Ontem ainda caiu mais um aguaceiro fraco ao início da tarde, mas após a sua passagem o céu abriu gradualmente e a tarde foi pouco nublada e amena. 
Hoje o dia foi agradável e soalheiro, com alguma nebulosidade que foi aumentando ao longo da tarde. Deve ter chovido durante a madrugada, pois o chão estava molhado ao inicio da manhã 

A estação ainda não recuperou o sinal


----------



## jamestorm (22 Fev 2021 às 20:13)

Boa Noite, tive problemas com o comp e nao consegui acompanhar os últimos dias, Só no Sábado foram mais de* 55mm* por aqui.
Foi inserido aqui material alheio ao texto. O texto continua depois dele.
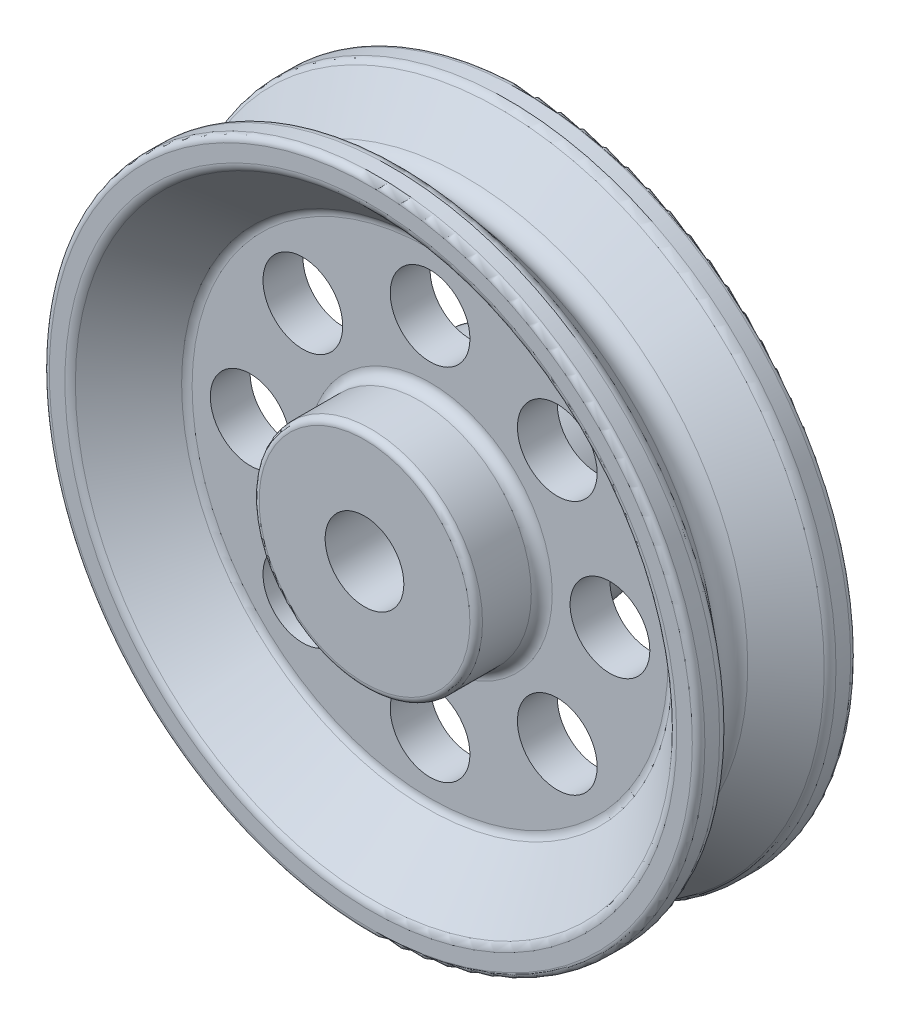
ISO-10303-21;
HEADER;
FILE_DESCRIPTION(('STEP AP214'),'2;1');
FILE_NAME('part.step','',(''),(''),'','','');
FILE_SCHEMA(('AUTOMOTIVE_DESIGN { 1 0 10303 214 1 1 1 1 }'));
ENDSEC;
DATA;
#1=APPLICATION_CONTEXT('core data for automotive mechanical design processes');
#2=APPLICATION_PROTOCOL_DEFINITION('international standard','automotive_design',2000,#1);
#3=PRODUCT_CONTEXT('',#1,'mechanical');
#4=PRODUCT('Part','Part','',(#3));
#5=PRODUCT_RELATED_PRODUCT_CATEGORY('part','',(#4));
#6=PRODUCT_DEFINITION_FORMATION('','',#4);
#7=PRODUCT_DEFINITION_CONTEXT('part definition',#1,'design');
#8=PRODUCT_DEFINITION('design','',#6,#7);
#9=PRODUCT_DEFINITION_SHAPE('','',#8);
#10=(LENGTH_UNIT() NAMED_UNIT(*) SI_UNIT(.MILLI.,.METRE.));
#11=(NAMED_UNIT(*) PLANE_ANGLE_UNIT() SI_UNIT($,.RADIAN.));
#12=(NAMED_UNIT(*) SI_UNIT($,.STERADIAN.) SOLID_ANGLE_UNIT());
#13=UNCERTAINTY_MEASURE_WITH_UNIT(LENGTH_MEASURE(1.E-05),#10,'distance_accuracy_value','');
#14=(GEOMETRIC_REPRESENTATION_CONTEXT(3) GLOBAL_UNCERTAINTY_ASSIGNED_CONTEXT((#13)) GLOBAL_UNIT_ASSIGNED_CONTEXT((#10,
#11,#12)) REPRESENTATION_CONTEXT('',''));
#15=CARTESIAN_POINT('',(0.,0.,0.));
#16=DIRECTION('',(0.,0.,1.));
#17=DIRECTION('',(1.,0.,0.));
#18=AXIS2_PLACEMENT_3D('',#15,#16,#17);
#19=CARTESIAN_POINT('',(0.,1.005,-0.815));
#20=DIRECTION('',(0.,0.,1.));
#21=DIRECTION('',(1.,0.,0.));
#22=AXIS2_PLACEMENT_3D('',#19,#20,#21);
#23=PLANE('',#22);
#24=CARTESIAN_POINT('',(0.,0.,-0.815));
#25=DIRECTION('',(0.,0.,1.));
#26=DIRECTION('',(1.,0.,0.));
#27=AXIS2_PLACEMENT_3D('',#24,#25,#26);
#28=CIRCLE('',#27,1.005);
#29=CARTESIAN_POINT('',(1.005,0.,-0.815));
#30=VERTEX_POINT('',#29);
#31=EDGE_CURVE('E79',#30,#30,#28,.T.);
#32=ORIENTED_EDGE('',*,*,#31,.F.);
#33=EDGE_LOOP('',(#32));
#34=FACE_BOUND('',#33,.T.);
#35=CARTESIAN_POINT('',(0.,0.,-0.815));
#36=DIRECTION('',(0.,0.,1.));
#37=DIRECTION('',(1.,0.,0.));
#38=AXIS2_PLACEMENT_3D('',#35,#36,#37);
#39=CIRCLE('',#38,0.375);
#40=CARTESIAN_POINT('',(0.375,0.,-0.815));
#41=VERTEX_POINT('',#40);
#42=EDGE_CURVE('E10',#41,#41,#39,.T.);
#43=ORIENTED_EDGE('',*,*,#42,.T.);
#44=EDGE_LOOP('',(#43));
#45=FACE_BOUND('',#44,.T.);
#46=ADVANCED_FACE('F40',(#34,#45),#23,.F.);
#47=CARTESIAN_POINT('',(0.,0.,29.1959860355186));
#48=DIRECTION('',(0.,0.,1.));
#49=DIRECTION('',(1.,0.,0.));
#50=AXIS2_PLACEMENT_3D('',#47,#48,#49);
#51=CYLINDRICAL_SURFACE('',#50,0.375);
#52=ORIENTED_EDGE('',*,*,#42,.F.);
#53=EDGE_LOOP('',(#52));
#54=FACE_BOUND('',#53,.T.);
#55=CARTESIAN_POINT('',(0.,0.,0.815));
#56=DIRECTION('',(0.,0.,1.));
#57=DIRECTION('',(1.,0.,0.));
#58=AXIS2_PLACEMENT_3D('',#55,#56,#57);
#59=CIRCLE('',#58,0.375);
#60=CARTESIAN_POINT('',(0.375,0.,0.815));
#61=VERTEX_POINT('',#60);
#62=EDGE_CURVE('E42',#61,#61,#59,.T.);
#63=ORIENTED_EDGE('',*,*,#62,.T.);
#64=EDGE_LOOP('',(#63));
#65=FACE_BOUND('',#64,.T.);
#66=ADVANCED_FACE('F318',(#54,#65),#51,.F.);
#67=CARTESIAN_POINT('',(0.,0.375,0.815));
#68=DIRECTION('',(0.,0.,-1.));
#69=DIRECTION('',(-1.,0.,0.));
#70=AXIS2_PLACEMENT_3D('',#67,#68,#69);
#71=PLANE('',#70);
#72=ORIENTED_EDGE('',*,*,#62,.F.);
#73=EDGE_LOOP('',(#72));
#74=FACE_BOUND('',#73,.T.);
#75=CARTESIAN_POINT('',(0.,0.,0.815));
#76=DIRECTION('',(0.,0.,1.));
#77=DIRECTION('',(1.,0.,0.));
#78=AXIS2_PLACEMENT_3D('',#75,#76,#77);
#79=CIRCLE('',#78,1.005);
#80=CARTESIAN_POINT('',(1.005,0.,0.815));
#81=VERTEX_POINT('',#80);
#82=EDGE_CURVE('E47',#81,#81,#79,.T.);
#83=ORIENTED_EDGE('',*,*,#82,.T.);
#84=EDGE_LOOP('',(#83));
#85=FACE_BOUND('',#84,.T.);
#86=ADVANCED_FACE('F159',(#74,#85),#71,.F.);
#87=CARTESIAN_POINT('',(0.,0.,0.755));
#88=DIRECTION('',(0.,0.,1.));
#89=DIRECTION('',(1.,0.,0.));
#90=AXIS2_PLACEMENT_3D('',#87,#88,#89);
#91=TOROIDAL_SURFACE('',#90,1.005,0.0599999999999999);
#92=ORIENTED_EDGE('',*,*,#82,.F.);
#93=EDGE_LOOP('',(#92));
#94=FACE_BOUND('',#93,.T.);
#95=CARTESIAN_POINT('',(0.,0.,0.754999999999999));
#96=DIRECTION('',(0.,0.,1.));
#97=DIRECTION('',(1.,0.,0.));
#98=AXIS2_PLACEMENT_3D('',#95,#96,#97);
#99=CIRCLE('',#98,1.065);
#100=CARTESIAN_POINT('',(1.065,0.,0.754999999999999));
#101=VERTEX_POINT('',#100);
#102=EDGE_CURVE('E154',#101,#101,#99,.T.);
#103=ORIENTED_EDGE('',*,*,#102,.T.);
#104=EDGE_LOOP('',(#103));
#105=FACE_BOUND('',#104,.T.);
#106=ADVANCED_FACE('F165',(#94,#105),#91,.T.);
#107=CARTESIAN_POINT('',(0.,0.,29.1959860355186));
#108=DIRECTION('',(0.,0.,1.));
#109=DIRECTION('',(1.,0.,0.));
#110=AXIS2_PLACEMENT_3D('',#107,#108,#109);
#111=CYLINDRICAL_SURFACE('',#110,1.065);
#112=ORIENTED_EDGE('',*,*,#102,.F.);
#113=EDGE_LOOP('',(#112));
#114=FACE_BOUND('',#113,.T.);
#115=CARTESIAN_POINT('',(0.,0.,0.290000000000002));
#116=DIRECTION('',(0.,0.,1.));
#117=DIRECTION('',(1.,0.,0.));
#118=AXIS2_PLACEMENT_3D('',#115,#116,#117);
#119=CIRCLE('',#118,1.065);
#120=CARTESIAN_POINT('',(1.065,0.,0.290000000000002));
#121=VERTEX_POINT('',#120);
#122=EDGE_CURVE('E155',#121,#121,#119,.T.);
#123=ORIENTED_EDGE('',*,*,#122,.T.);
#124=EDGE_LOOP('',(#123));
#125=FACE_BOUND('',#124,.T.);
#126=ADVANCED_FACE('F164',(#114,#125),#111,.T.);
#127=CARTESIAN_POINT('',(0.,0.,0.29));
#128=DIRECTION('',(0.,0.,1.));
#129=DIRECTION('',(1.,0.,0.));
#130=AXIS2_PLACEMENT_3D('',#127,#128,#129);
#131=TOROIDAL_SURFACE('',#130,1.165,0.1);
#132=ORIENTED_EDGE('',*,*,#122,.F.);
#133=EDGE_LOOP('',(#132));
#134=FACE_BOUND('',#133,.T.);
#135=CARTESIAN_POINT('',(0.,0.,0.189999999999999));
#136=DIRECTION('',(0.,0.,1.));
#137=DIRECTION('',(1.,0.,0.));
#138=AXIS2_PLACEMENT_3D('',#135,#136,#137);
#139=CIRCLE('',#138,1.165);
#140=CARTESIAN_POINT('',(1.165,0.,0.189999999999999));
#141=VERTEX_POINT('',#140);
#142=EDGE_CURVE('E149',#141,#141,#139,.T.);
#143=ORIENTED_EDGE('',*,*,#142,.T.);
#144=EDGE_LOOP('',(#143));
#145=FACE_BOUND('',#144,.T.);
#146=ADVANCED_FACE('F174',(#134,#145),#131,.F.);
#147=CARTESIAN_POINT('',(0.,1.165,0.19));
#148=DIRECTION('',(0.,0.,-1.));
#149=DIRECTION('',(-1.,0.,0.));
#150=AXIS2_PLACEMENT_3D('',#147,#148,#149);
#151=PLANE('',#150);
#152=CARTESIAN_POINT('',(1.21268812973493,1.21268812973493,0.19));
#153=DIRECTION('',(0.,0.,1.));
#154=DIRECTION('',(1.,0.,0.));
#155=AXIS2_PLACEMENT_3D('',#152,#153,#154);
#156=CIRCLE('',#155,0.38);
#157=CARTESIAN_POINT('',(1.59268812973493,1.21268812973493,0.19));
#158=VERTEX_POINT('',#157);
#159=EDGE_CURVE('E533',#158,#158,#156,.T.);
#160=ORIENTED_EDGE('',*,*,#159,.F.);
#161=EDGE_LOOP('',(#160));
#162=FACE_BOUND('',#161,.T.);
#163=CARTESIAN_POINT('',(1.715,0.,0.19));
#164=DIRECTION('',(0.,0.,1.));
#165=DIRECTION('',(1.,0.,0.));
#166=AXIS2_PLACEMENT_3D('',#163,#164,#165);
#167=CIRCLE('',#166,0.38);
#168=CARTESIAN_POINT('',(2.095,0.,0.19));
#169=VERTEX_POINT('',#168);
#170=EDGE_CURVE('E535',#169,#169,#167,.T.);
#171=ORIENTED_EDGE('',*,*,#170,.F.);
#172=EDGE_LOOP('',(#171));
#173=FACE_BOUND('',#172,.T.);
#174=CARTESIAN_POINT('',(1.21268812973493,-1.21268812973493,0.19));
#175=DIRECTION('',(0.,0.,1.));
#176=DIRECTION('',(1.,0.,0.));
#177=AXIS2_PLACEMENT_3D('',#174,#175,#176);
#178=CIRCLE('',#177,0.38);
#179=CARTESIAN_POINT('',(1.59268812973493,-1.21268812973493,0.19));
#180=VERTEX_POINT('',#179);
#181=EDGE_CURVE('E534',#180,#180,#178,.T.);
#182=ORIENTED_EDGE('',*,*,#181,.F.);
#183=EDGE_LOOP('',(#182));
#184=FACE_BOUND('',#183,.T.);
#185=CARTESIAN_POINT('',(0.,-1.715,0.19));
#186=DIRECTION('',(0.,0.,1.));
#187=DIRECTION('',(1.,0.,0.));
#188=AXIS2_PLACEMENT_3D('',#185,#186,#187);
#189=CIRCLE('',#188,0.38);
#190=CARTESIAN_POINT('',(0.38,-1.715,0.19));
#191=VERTEX_POINT('',#190);
#192=EDGE_CURVE('E537',#191,#191,#189,.T.);
#193=ORIENTED_EDGE('',*,*,#192,.F.);
#194=EDGE_LOOP('',(#193));
#195=FACE_BOUND('',#194,.T.);
#196=CARTESIAN_POINT('',(-1.21268812973493,-1.21268812973493,0.19));
#197=DIRECTION('',(0.,0.,1.));
#198=DIRECTION('',(1.,0.,0.));
#199=AXIS2_PLACEMENT_3D('',#196,#197,#198);
#200=CIRCLE('',#199,0.38);
#201=CARTESIAN_POINT('',(-0.832688129734929,-1.21268812973493,0.19));
#202=VERTEX_POINT('',#201);
#203=EDGE_CURVE('E545',#202,#202,#200,.T.);
#204=ORIENTED_EDGE('',*,*,#203,.F.);
#205=EDGE_LOOP('',(#204));
#206=FACE_BOUND('',#205,.T.);
#207=CARTESIAN_POINT('',(-1.715,0.,0.19));
#208=DIRECTION('',(0.,0.,1.));
#209=DIRECTION('',(1.,0.,0.));
#210=AXIS2_PLACEMENT_3D('',#207,#208,#209);
#211=CIRCLE('',#210,0.38);
#212=CARTESIAN_POINT('',(-1.335,0.,0.19));
#213=VERTEX_POINT('',#212);
#214=EDGE_CURVE('E544',#213,#213,#211,.T.);
#215=ORIENTED_EDGE('',*,*,#214,.F.);
#216=EDGE_LOOP('',(#215));
#217=FACE_BOUND('',#216,.T.);
#218=CARTESIAN_POINT('',(-1.21268812973493,1.21268812973493,0.19));
#219=DIRECTION('',(0.,0.,1.));
#220=DIRECTION('',(1.,0.,0.));
#221=AXIS2_PLACEMENT_3D('',#218,#219,#220);
#222=CIRCLE('',#221,0.38);
#223=CARTESIAN_POINT('',(-0.832688129734929,1.21268812973493,0.19));
#224=VERTEX_POINT('',#223);
#225=EDGE_CURVE('E547',#224,#224,#222,.T.);
#226=ORIENTED_EDGE('',*,*,#225,.F.);
#227=EDGE_LOOP('',(#226));
#228=FACE_BOUND('',#227,.T.);
#229=CARTESIAN_POINT('',(0.,1.715,0.19));
#230=DIRECTION('',(0.,0.,1.));
#231=DIRECTION('',(1.,0.,0.));
#232=AXIS2_PLACEMENT_3D('',#229,#230,#231);
#233=CIRCLE('',#232,0.38);
#234=CARTESIAN_POINT('',(0.38,1.715,0.19));
#235=VERTEX_POINT('',#234);
#236=EDGE_CURVE('E60',#235,#235,#233,.T.);
#237=ORIENTED_EDGE('',*,*,#236,.F.);
#238=EDGE_LOOP('',(#237));
#239=FACE_BOUND('',#238,.T.);
#240=ORIENTED_EDGE('',*,*,#142,.F.);
#241=EDGE_LOOP('',(#240));
#242=FACE_BOUND('',#241,.T.);
#243=CARTESIAN_POINT('',(0.,0.,0.189999999999999));
#244=DIRECTION('',(0.,0.,1.));
#245=DIRECTION('',(1.,0.,0.));
#246=AXIS2_PLACEMENT_3D('',#243,#244,#245);
#247=CIRCLE('',#246,2.26857864376269);
#248=CARTESIAN_POINT('',(2.26857864376269,0.,0.189999999999999));
#249=VERTEX_POINT('',#248);
#250=EDGE_CURVE('E148',#249,#249,#247,.T.);
#251=ORIENTED_EDGE('',*,*,#250,.T.);
#252=EDGE_LOOP('',(#251));
#253=FACE_BOUND('',#252,.T.);
#254=ADVANCED_FACE('F179',(#162,#173,#184,#195,#206,#217,#228,#239,#242,#253),#151,.F.);
#255=CARTESIAN_POINT('',(0.,0.,0.29));
#256=DIRECTION('',(0.,0.,1.));
#257=DIRECTION('',(1.,0.,0.));
#258=AXIS2_PLACEMENT_3D('',#255,#256,#257);
#259=TOROIDAL_SURFACE('',#258,2.26857864376269,0.0999999999999999);
#260=ORIENTED_EDGE('',*,*,#250,.F.);
#261=EDGE_LOOP('',(#260));
#262=FACE_BOUND('',#261,.T.);
#263=CARTESIAN_POINT('',(0.,0.,0.219289321881345));
#264=DIRECTION('',(0.,0.,1.));
#265=DIRECTION('',(1.,0.,0.));
#266=AXIS2_PLACEMENT_3D('',#263,#264,#265);
#267=CIRCLE('',#266,2.33928932188135);
#268=CARTESIAN_POINT('',(2.33928932188135,0.,0.219289321881345));
#269=VERTEX_POINT('',#268);
#270=EDGE_CURVE('E141',#269,#269,#267,.T.);
#271=ORIENTED_EDGE('',*,*,#270,.T.);
#272=EDGE_LOOP('',(#271));
#273=FACE_BOUND('',#272,.T.);
#274=ADVANCED_FACE('F181',(#262,#273),#259,.F.);
#275=CARTESIAN_POINT('',(0.,0.,0.725710678118652));
#276=DIRECTION('',(0.,0.,1.));
#277=DIRECTION('',(1.,0.,0.));
#278=AXIS2_PLACEMENT_3D('',#275,#276,#277);
#279=CONICAL_SURFACE('',#278,2.84571067811865,0.785398163397448);
#280=ORIENTED_EDGE('',*,*,#270,.F.);
#281=EDGE_LOOP('',(#280));
#282=FACE_BOUND('',#281,.T.);
#283=CARTESIAN_POINT('',(0.,0.,0.725710678118652));
#284=DIRECTION('',(0.,0.,1.));
#285=DIRECTION('',(1.,0.,0.));
#286=AXIS2_PLACEMENT_3D('',#283,#284,#285);
#287=CIRCLE('',#286,2.84571067811865);
#288=CARTESIAN_POINT('',(2.84571067811865,0.,0.725710678118652));
#289=VERTEX_POINT('',#288);
#290=EDGE_CURVE('E138',#289,#289,#287,.T.);
#291=ORIENTED_EDGE('',*,*,#290,.T.);
#292=EDGE_LOOP('',(#291));
#293=FACE_BOUND('',#292,.T.);
#294=ADVANCED_FACE('F187',(#282,#293),#279,.F.);
#295=CARTESIAN_POINT('',(0.,0.,0.655));
#296=DIRECTION('',(0.,0.,1.));
#297=DIRECTION('',(1.,0.,0.));
#298=AXIS2_PLACEMENT_3D('',#295,#296,#297);
#299=TOROIDAL_SURFACE('',#298,2.91642135623731,0.1);
#300=ORIENTED_EDGE('',*,*,#290,.F.);
#301=EDGE_LOOP('',(#300));
#302=FACE_BOUND('',#301,.T.);
#303=CARTESIAN_POINT('',(0.,0.,0.754999999999999));
#304=DIRECTION('',(0.,0.,1.));
#305=DIRECTION('',(1.,0.,0.));
#306=AXIS2_PLACEMENT_3D('',#303,#304,#305);
#307=CIRCLE('',#306,2.91642135623731);
#308=CARTESIAN_POINT('',(2.91642135623731,0.,0.754999999999999));
#309=VERTEX_POINT('',#308);
#310=EDGE_CURVE('E139',#309,#309,#307,.T.);
#311=ORIENTED_EDGE('',*,*,#310,.T.);
#312=EDGE_LOOP('',(#311));
#313=FACE_BOUND('',#312,.T.);
#314=ADVANCED_FACE('F198',(#302,#313),#299,.T.);
#315=CARTESIAN_POINT('',(0.,2.91642135623731,0.754999999999999));
#316=DIRECTION('',(0.,0.,-1.));
#317=DIRECTION('',(-1.,0.,0.));
#318=AXIS2_PLACEMENT_3D('',#315,#316,#317);
#319=PLANE('',#318);
#320=ORIENTED_EDGE('',*,*,#310,.F.);
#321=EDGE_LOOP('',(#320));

Ruas alagadas, Rio Alenquer em níveis bastante altos...embora longe de Cheia,
Tem sido um bom Fevereiro quanto a chuva!


----------



## guisilva5000 (22 Fev 2021 às 20:55)

Jamor provavelmente no pico de cheia a entrar no túnel da A5, dia 22.


----------



## Pedro1993 (22 Fev 2021 às 21:07)

Hoje a mdrugada foi bem fresca, ás 7 da manhã estavam 2ºC, e hoje fui realizar uns trabalhos até á zona de Arraiolos, e durante a viagem vi a presença de geada, em muitas zonas baixas, logo depois de Coruche, por lá esteve até um dia bem agradável, sempre com o sol a marcar presença.


----------



## LMMS (22 Fev 2021 às 23:41)

Boa Noite a todos,
Minha primeira contribuição para o Forum.
Deixo alguns dados da tormenta Karim registados por estações do SNIRH.
Velocidade do vento por m/s e precipitação ambos dados horários, das estações mais perto do Concelho de Cascais (onde moro) com dados disponíveis para já.
Foi Alcanena que registou a media horaria mais alta às 06h:00m com 6.3 m/s (22.68km/h)
Em termos de precipitação foi V.F. de Xira que registou às 15h:00m 8.9 m/m.
Curioso ver que a esta hora o vento era residual em V.F. de Xira quando chovia com mais intensidade e praticamente caiu de 5.9 m/s às 13h00 para calmaria às 15h00.


----------



## "Charneca" Mundial (22 Fev 2021 às 23:42)

LMMS disse:


> Boa Noite a todos,
> Minha primeira contribuição para o Forum.
> Deixo alguns dados da tormenta Karim registados por estações do SNIRH.
> Velocidade do vento por m/s e precipitação ambos dados horários, das estações mais perto do Concelho de Cascais (onde moro) com dados disponíveis para já.
> ...


Bem-vindo ao fórum! Só para dizer que não consigo ver a imagem...


----------



## guisilva5000 (22 Fev 2021 às 23:51)

Chuvisca bem por aqui!


----------



## LMMS (23 Fev 2021 às 00:45)

Alguns dados de níveis hidrométricos de estações de Lisboa e Arredores onde se pode ver o impacto que teve com a tormenta Karim, todos os níveis a subir em flecha exceto a de V.F. de Xira.
As estações no gráfico são :
Estação agronómica Nacional em Oeiras, Laveiras, Ponte Cadafais que fica na Vala do Carregado, Ponte Preces fica a 3km Oeste do Carregado e a de V.F de Xira que fica mesmo no Rio Tejo.


----------



## Mammatus (23 Fev 2021 às 00:59)

Boa noite pessoal,

2ª feira serena, isto face à agitação do fim de semana. 
O dia começou fresco, mas após o nascer do sol a temperatura subiu rapidamente dando lugar uma manhã soalheira relativamente aprazível. 
Com o crescer do dia houve um aumento gradual de nebulosidade, esta associada à frente que afectou os Açores no fim de semana, como bem referiu o @"Charneca" Mundial.
Em suma, um dia com duas caras.

Extremos: *17.9ºC* / *6.8ºC*

A pressão atmosférica, à semelhança de ontem, segue a tendência de subida, é agora superior a *1025 hPa*.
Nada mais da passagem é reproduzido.